Trapeze Artistry of Biomimetic Hydrogels

We demonstrate a class of smart hydrogels that exhibit unique biomimicking functions: thermoresponsive volume phase transitions similar to sea cucumbers, self-organization into core-shell hollow structures similar to coconuts, shape memory and self-healing as exhibited by living organisms, and metal ion-mediated cementing, similar to marine mussels.

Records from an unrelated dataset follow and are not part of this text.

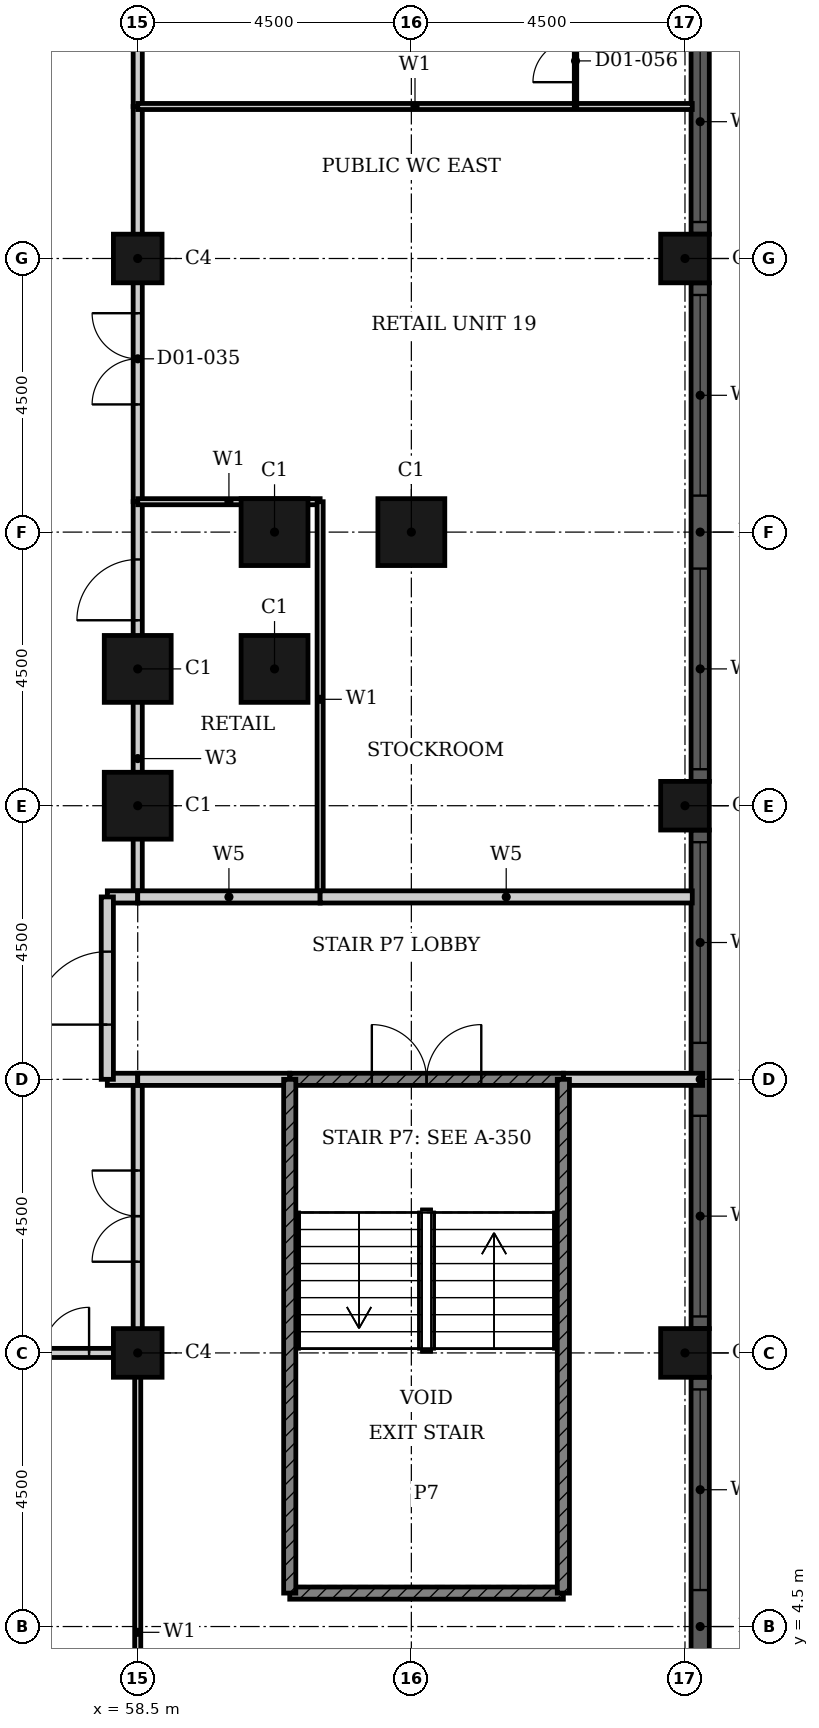
"""IFC4 building model, lengths in metres.
Left out: names, types, materials, properties, quantities, classifications, styles, units other than length and angle.
Written with IfcOpenShell. Run it as: python <this file> out.ifc"""

import sys

from ifc_helpers import new_model, si_unit, direction, frame, frame_2d, origin, origin_2d, place, context, subcontext, project, spatial, rectangle, hollow_rectangle, extrude, element, fill, save


model = new_model("IFC4")
c1 = context("Model", 3, precision=1e-05, world=origin(), true_north=direction((0.0, 1.0)))
c2 = subcontext(c1, "Body", "Model", "MODEL_VIEW")
j1 = project(units=[si_unit("LENGTHUNIT", "METRE"), si_unit("PLANEANGLEUNIT", "RADIAN")], contexts=[c1])
p1 = place(None, origin())
s1 = spatial("IfcSite", under=j1, at=p1, CompositionType="ELEMENT")
p2 = place(p1, origin())
s2 = spatial("IfcBuilding", under=s1, at=p2, CompositionType="ELEMENT")
p3 = place(p2, frame((0.0, 0.0, 6.6)))
s3 = spatial("IfcBuildingStorey", under=s2, at=p3, CompositionType="ELEMENT", Elevation=6.6)
for number, where, z_axis, x_axis in (
    (1, (58.5, 18.0, 0.0), (0.0, 0.0, 1.0), (1.0, 0.0, 0.0)),
    (2, (58.5, 20.25, 0.0), (0.0, 0.0, 1.0), (1.0, 0.0, 0.0)),
    (3, (60.75, 20.25, 0.0), (0.0, 0.0, 1.0), (1.0, 0.0, 0.0)),
    (4, (60.75, 22.5, 0.0), (0.0, 0.0, 1.0), (1.0, 0.0, 0.0)),
    (5, (63.0, 22.5, 0.0), (0.0, 0.0, 1.0), (1.0, 0.0, 0.0)),
):
    element("IfcColumn", number, at=place(p3, frame(where, z_axis=z_axis, x_axis=x_axis)), inside=s3, PredefinedType="COLUMN", context=c2, shape_type="SweptSolid", body=[
        extrude(hollow_rectangle(XDim=1.1, YDim=1.1, WallThickness=0.036, at=origin_2d()), origin(), (0.0, 0.0, 1.0), 5.4),
    ])
for number, where, z_axis, x_axis in (
    (6, (67.5, 9.0, 0.0), (0.0, 0.0, 1.0), (1.0, 0.0, 0.0)),
    (7, (67.5, 18.0, 0.0), (0.0, 0.0, 1.0), (1.0, 0.0, 0.0)),
    (8, (67.5, 27.0, 0.0), (0.0, 0.0, 1.0), (1.0, 0.0, 0.0)),
    (9, (58.5, 9.0, 0.0), (0.0, 0.0, 1.0), (1.0, 0.0, 0.0)),
    (10, (58.5, 27.0, 0.0), (0.0, 0.0, 1.0), (1.0, 0.0, 0.0)),
):
    element("IfcColumn", number, at=place(p3, frame(where, z_axis=z_axis, x_axis=x_axis)), inside=s3, PredefinedType="COLUMN", context=c2, shape_type="SweptSolid", body=[
        extrude(hollow_rectangle(XDim=0.8, YDim=0.8, WallThickness=0.025, at=origin_2d()), origin(), (0.0, 0.0, 1.0), 5.4),
    ])
p4 = place(p3, frame((67.75, 0.4, 0.0), z_axis=(0.0, 0.0, 1.0), x_axis=(0.0, 1.0, 0.0)))
e11 = element("IfcWall", 11, at=p4, inside=s3, PredefinedType="SOLIDWALL", context=c2, shape_type="SweptSolid", body=[
    extrude(rectangle(XDim=8.2, YDim=0.3, at=frame_2d((4.1, 0.0))), origin(), (0.0, 0.0, 1.0), 5.4),
])
p5 = place(p4, frame((0.2, 0.0, 0.9)))
e12 = element("IfcOpeningElement", 12, at=p5, cuts=e11, PredefinedType="OPENING", context=c2, shape_type="SweptSolid", body=[
    extrude(rectangle(XDim=3.3, YDim=3.5, at=frame_2d((1.65, 1.75))), frame((0.0, 0.16, 0.0), z_axis=(0.0, -1.0, 0.0), x_axis=(1.0, 0.0, 0.0)), (0.0, 0.0, 1.0), 0.32),
])
p6 = place(p4, frame((4.7, 0.0, 0.9)))
e13 = element("IfcOpeningElement", 13, at=p6, cuts=e11, PredefinedType="OPENING", context=c2, shape_type="SweptSolid", body=[
    extrude(rectangle(XDim=3.3, YDim=3.5, at=frame_2d((1.65, 1.75))), frame((0.0, 0.16, 0.0), z_axis=(0.0, -1.0, 0.0), x_axis=(1.0, 0.0, 0.0)), (0.0, 0.0, 1.0), 0.32),
])
p7 = place(p3, frame((67.75, 9.4, 0.0), z_axis=(0.0, 0.0, 1.0), x_axis=(0.0, 1.0, 0.0)))
e14 = element("IfcWall", 14, at=p7, inside=s3, PredefinedType="SOLIDWALL", context=c2, shape_type="SweptSolid", body=[
    extrude(rectangle(XDim=8.2, YDim=0.3, at=frame_2d((4.1, 0.0))), origin(), (0.0, 0.0, 1.0), 5.4),
])
p8 = place(p7, frame((0.2, 0.0, 0.9)))
e15 = element("IfcOpeningElement", 15, at=p8, cuts=e14, PredefinedType="OPENING", context=c2, shape_type="SweptSolid", body=[
    extrude(rectangle(XDim=3.3, YDim=3.5, at=frame_2d((1.65, 1.75))), frame((0.0, 0.16, 0.0), z_axis=(0.0, -1.0, 0.0), x_axis=(1.0, 0.0, 0.0)), (0.0, 0.0, 1.0), 0.32),
])
p9 = place(p7, frame((4.7, 0.0, 0.9)))
e16 = element("IfcOpeningElement", 16, at=p9, cuts=e14, PredefinedType="OPENING", context=c2, shape_type="SweptSolid", body=[
    extrude(rectangle(XDim=3.3, YDim=3.5, at=frame_2d((1.65, 1.75))), frame((0.0, 0.16, 0.0), z_axis=(0.0, -1.0, 0.0), x_axis=(1.0, 0.0, 0.0)), (0.0, 0.0, 1.0), 0.32),
])
p10 = place(p3, frame((67.75, 18.4, 0.0), z_axis=(0.0, 0.0, 1.0), x_axis=(0.0, 1.0, 0.0)))
e17 = element("IfcWall", 17, at=p10, inside=s3, PredefinedType="SOLIDWALL", context=c2, shape_type="SweptSolid", body=[
    extrude(rectangle(XDim=8.2, YDim=0.3, at=frame_2d((4.1, 0.0))), origin(), (0.0, 0.0, 1.0), 5.4),
])
p11 = place(p10, frame((0.2, 0.0, 0.9)))
e18 = element("IfcOpeningElement", 18, at=p11, cuts=e17, PredefinedType="OPENING", context=c2, shape_type="SweptSolid", body=[
    extrude(rectangle(XDim=3.3, YDim=3.5, at=frame_2d((1.65, 1.75))), frame((0.0, 0.16, 0.0), z_axis=(0.0, -1.0, 0.0), x_axis=(1.0, 0.0, 0.0)), (0.0, 0.0, 1.0), 0.32),
])
p12 = place(p10, frame((4.7, 0.0, 0.9)))
e19 = element("IfcOpeningElement", 19, at=p12, cuts=e17, PredefinedType="OPENING", context=c2, shape_type="SweptSolid", body=[
    extrude(rectangle(XDim=3.3, YDim=3.5, at=frame_2d((1.65, 1.75))), frame((0.0, 0.16, 0.0), z_axis=(0.0, -1.0, 0.0), x_axis=(1.0, 0.0, 0.0)), (0.0, 0.0, 1.0), 0.32),
])
p13 = place(p3, frame((67.75, 27.4, 0.0), z_axis=(0.0, 0.0, 1.0), x_axis=(0.0, 1.0, 0.0)))
e20 = element("IfcWall", 20, at=p13, inside=s3, PredefinedType="SOLIDWALL", context=c2, shape_type="SweptSolid", body=[
    extrude(rectangle(XDim=8.2, YDim=0.3, at=frame_2d((4.1, 0.0))), origin(), (0.0, 0.0, 1.0), 5.4),
])
p14 = place(p13, frame((0.2, 0.0, 0.9)))
e21 = element("IfcOpeningElement", 21, at=p14, cuts=e20, PredefinedType="OPENING", context=c2, shape_type="SweptSolid", body=[
    extrude(rectangle(XDim=3.3, YDim=3.5, at=frame_2d((1.65, 1.75))), frame((0.0, 0.16, 0.0), z_axis=(0.0, -1.0, 0.0), x_axis=(1.0, 0.0, 0.0)), (0.0, 0.0, 1.0), 0.32),
])
p15 = place(p13, frame((4.7, 0.0, 0.9)))
e22 = element("IfcOpeningElement", 22, at=p15, cuts=e20, PredefinedType="OPENING", context=c2, shape_type="SweptSolid", body=[
    extrude(rectangle(XDim=3.3, YDim=3.5, at=frame_2d((1.65, 1.75))), frame((0.0, 0.16, 0.0), z_axis=(0.0, -1.0, 0.0), x_axis=(1.0, 0.0, 0.0)), (0.0, 0.0, 1.0), 0.32),
])
p16 = place(p3, frame((55.4, 9.0, 0.0), z_axis=(0.0, 0.0, 1.0), x_axis=(1.0, 0.0, 0.0)))
e23 = element("IfcWall", 23, at=p16, inside=s3, PredefinedType="PARTITIONING", context=c2, shape_type="SweptSolid", body=[
    extrude(rectangle(XDim=3.1, YDim=0.15, at=frame_2d((1.55, 0.0))), origin(), (0.0, 0.0, 1.0), 5.05),
])
p17 = place(p16, frame((0.8, 0.0, 0.0)))
e24 = element("IfcOpeningElement", 24, at=p17, cuts=e23, PredefinedType="OPENING", context=c2, shape_type="SweptSolid", body=[
    extrude(rectangle(XDim=1.5, YDim=2.4, at=frame_2d((0.75, 1.2))), frame((0.0, 0.085, 0.0), z_axis=(0.0, -1.0, 0.0), x_axis=(1.0, 0.0, 0.0)), (0.0, 0.0, 1.0), 0.17),
])
p18 = place(p3, frame((58.5, 16.5, 0.0), z_axis=(0.0, 0.0, 1.0), x_axis=(0.0, 1.0, 0.0)))
e25 = element("IfcWall", 25, at=p18, inside=s3, PredefinedType="PARTITIONING", context=c2, shape_type="SweptSolid", body=[
    extrude(rectangle(XDim=6.5, YDim=0.15, at=frame_2d((3.25, 0.0))), origin(), (0.0, 0.0, 1.0), 5.05),
])
p19 = place(p18, frame((4.55, 0.0, 0.0)))
e26 = element("IfcOpeningElement", 26, at=p19, cuts=e25, PredefinedType="OPENING", context=c2, shape_type="SweptSolid", body=[
    extrude(rectangle(XDim=1.0, YDim=2.1, at=frame_2d((0.5, 1.05))), frame((0.0, 0.085, 0.0), z_axis=(0.0, -1.0, 0.0), x_axis=(1.0, 0.0, 0.0)), (0.0, 0.0, 1.0), 0.17),
])
p20 = place(p3, frame((58.5, 9.0, 0.0), z_axis=(0.0, 0.0, 1.0), x_axis=(0.0, 1.0, 0.0)))
e27 = element("IfcWall", 27, at=p20, inside=s3, PredefinedType="PARTITIONING", context=c2, shape_type="SweptSolid", body=[
    extrude(rectangle(XDim=4.5, YDim=0.15, at=frame_2d((2.25, 0.0))), origin(), (0.0, 0.0, 1.0), 5.05),
])
p21 = place(p20, frame((1.5, 0.0, 0.0)))
e28 = element("IfcOpeningElement", 28, at=p21, cuts=e27, PredefinedType="OPENING", context=c2, shape_type="SweptSolid", body=[
    extrude(rectangle(XDim=1.5, YDim=2.4, at=frame_2d((0.75, 1.2))), frame((0.0, 0.085, 0.0), z_axis=(0.0, -1.0, 0.0), x_axis=(1.0, 0.0, 0.0)), (0.0, 0.0, 1.0), 0.17),
])
p22 = place(p3, frame((58.5, 23.0, 0.0), z_axis=(0.0, 0.0, 1.0), x_axis=(0.0, 1.0, 0.0)))
e29 = element("IfcWall", 29, at=p22, inside=s3, PredefinedType="PARTITIONING", context=c2, shape_type="SweptSolid", body=[
    extrude(rectangle(XDim=6.5, YDim=0.15, at=frame_2d((3.25, 0.0))), origin(), (0.0, 0.0, 1.0), 5.05),
])
p23 = place(p22, frame((1.6, 0.0, 0.0)))
e30 = element("IfcOpeningElement", 30, at=p23, cuts=e29, PredefinedType="OPENING", context=c2, shape_type="SweptSolid", body=[
    extrude(rectangle(XDim=1.5, YDim=2.4, at=frame_2d((0.75, 1.2))), frame((0.0, 0.085, 0.0), z_axis=(0.0, -1.0, 0.0), x_axis=(1.0, 0.0, 0.0)), (0.0, 0.0, 1.0), 0.17),
])
p24 = place(p3, frame((58.5, 29.5, 0.0), z_axis=(0.0, 0.0, 1.0), x_axis=(0.0, 1.0, 0.0)))
e31 = element("IfcWall", 31, at=p24, inside=s3, PredefinedType="PARTITIONING", context=c2, shape_type="SweptSolid", body=[
    extrude(rectangle(XDim=4.5, YDim=0.15, at=frame_2d((2.25, 0.0))), origin(), (0.0, 0.0, 1.0), 5.05),
])
p25 = place(p3, frame((58.5, 23.0, 0.0), z_axis=(0.0, 0.0, 1.0), x_axis=(1.0, 0.0, 0.0)))
e32 = element("IfcWall", 32, at=p25, inside=s3, PredefinedType="PARTITIONING", context=c2, shape_type="SweptSolid", body=[
    extrude(rectangle(XDim=3.0, YDim=0.1, at=frame_2d((1.5, 0.0))), origin(), (0.0, 0.0, 1.0), 5.05),
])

We begin with a mechanistic analysis of stimuli responsive polymers through Lattice Fluid Hydrogen Bonding (LFHB) model that rigorously accounts for not only hydrogen bonding interactions but also the temperature dependent dispersion interactions between polymer and solvent. We show that a subtle balance of the hydrophilic and hydrophobic interactions is necessary to induce discontinuous transition.

Moving forward, we show that among various acryloyl amino acid monomers, the gels made from acrylol-6-amino caproic acid (A6ACA) had an optimal balance of hydrophilic and hydrophobic interactions, endowing them with unique “life-mimicking” functions. These gels showed reversible macroscopic self-organization leading to reversible shape transitions as also most remarkable rapid (few seconds) self-healing.

But how do these A6ACA based gels do the trapeze artistry with a delicate balance of hydrophilic and hydrophobic interactions? We show using atomistic molecular simulations and spectroscopic measurements that healing was caused by hydrogen bonding between carboxyl end groups of A6ACA alkyl side chains across the interface of two pieces of gels, which required that the side chains stretch out across the interface and bond to each other. Simulations show that shorter side chains could not reach each other for effective binding, whereas longer side chains collapsed onto themselves due to their higher hydrophobicity.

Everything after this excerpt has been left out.